Aubin Moutal, PhD
Assistant Professor of Pharmacology and Physiology, Saint Louis University
Synaptic molecular mechanisms causing chronic pain Read More
|Keywords:||chronic pain, electrophysiology, protein biochemistry|
Synaptic molecular mechanisms causing chronic pain
The research in our group aims to discover mechanisms driving the transition from physiological (protective) to pathological (chronic) pain. Chronic pain is a devastating neurological disorder affecting nearly 20% of the global population. It is well documented that chronic pain can have a profound negative impact on a patient’s quality of life, as well as decreasing life expectancy. The utility and translational potential of pre-clinical research has recently come into question. In response to this doubt, our lab has adopted an approach using reverse translation of rare painful clinical syndromes as a guide to aid in the discovery of novel therapeutic targets. Through previous investigation and collaborations, our group filed 4 provisional patents on novel targets for chronic pain treatment and a novel therapeutic approach for migraine.
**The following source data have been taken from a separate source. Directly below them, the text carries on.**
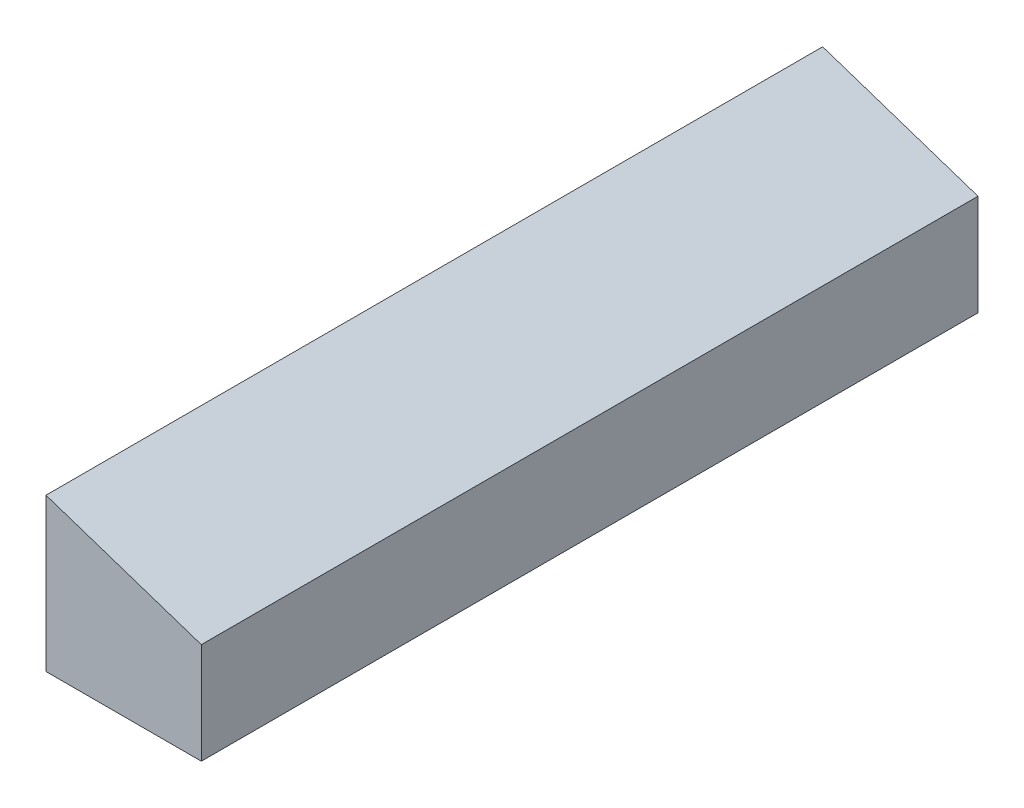
from build123d import *

# Parameters (mm, degrees)
BOSS_EXTRUDE1_DEPTH = 300
SHELL1_T            = -2
SKETCH2_W           = 120
SKETCH2_H           = 600
CUT_EXTRUDE1_DEPTH  = 2


with BuildPart() as part:
    # Sketch1 → Boss-Extrude1 (new, symmetric)
    with BuildSketch(Plane.XY):
        Polygon((0, 120), (120, 80), (120, 0), (0, 0), align=None)
    extrude(amount=BOSS_EXTRUDE1_DEPTH, both=True)

    # Shell1
    shell1_openings = [part.faces().sort_by_distance(p)[0] for p in [
        (0, 60, 0),
    ]]
    offset(amount=SHELL1_T, openings=shell1_openings, kind=Kind.INTERSECTION)

    # Sketch2 → Cut-Extrude1 (cut)
    with BuildSketch(Plane.XZ):
        with Locations((60, 0)):
            Rectangle(SKETCH2_W, SKETCH2_H)
    extrude(amount=-CUT_EXTRUDE1_DEPTH, mode=Mode.SUBTRACT)


solid = part.part

We will continue to develop therapeutic strategies arising at the intersection of our ongoing fundamental research with clinical studies with the objective of developing an effective treatment for chronic pain.
My current NIH funded research program investigates a subset of rare autoimmune diseases, painful paraneoplastic encephalitis, as a gateway to discover new determinants of physiological and chronic pain. Currently, we investigate the synaptic molecular mechanisms causing chronic pain with a focus on Collapsin Response Mediator Protein 5 (CRMP5). This was inspired by a rare clinical pain condition in which patients develop autoimmunity against CRMP5 and report painful axonal asymmetric polyradiculoneuropathy as their first clinical symptom. Our approach is to reverse translate these clinical findings to characterize the mechanism by which the target of autoantibodies, CRMP5, can participate in chronic neuropathic pain. We use multiple biochemical and genetic approaches and expertise in techniques such as live cell microscopy, electrophysiology, protein biochemistry and cutting-edge approaches including micro-electrode array recording, CRISPR/Cas9 gene editing, proteomic analyses, peptide mapping, and single cell western blot to decipher the role of novel protein candidates in chronic pain.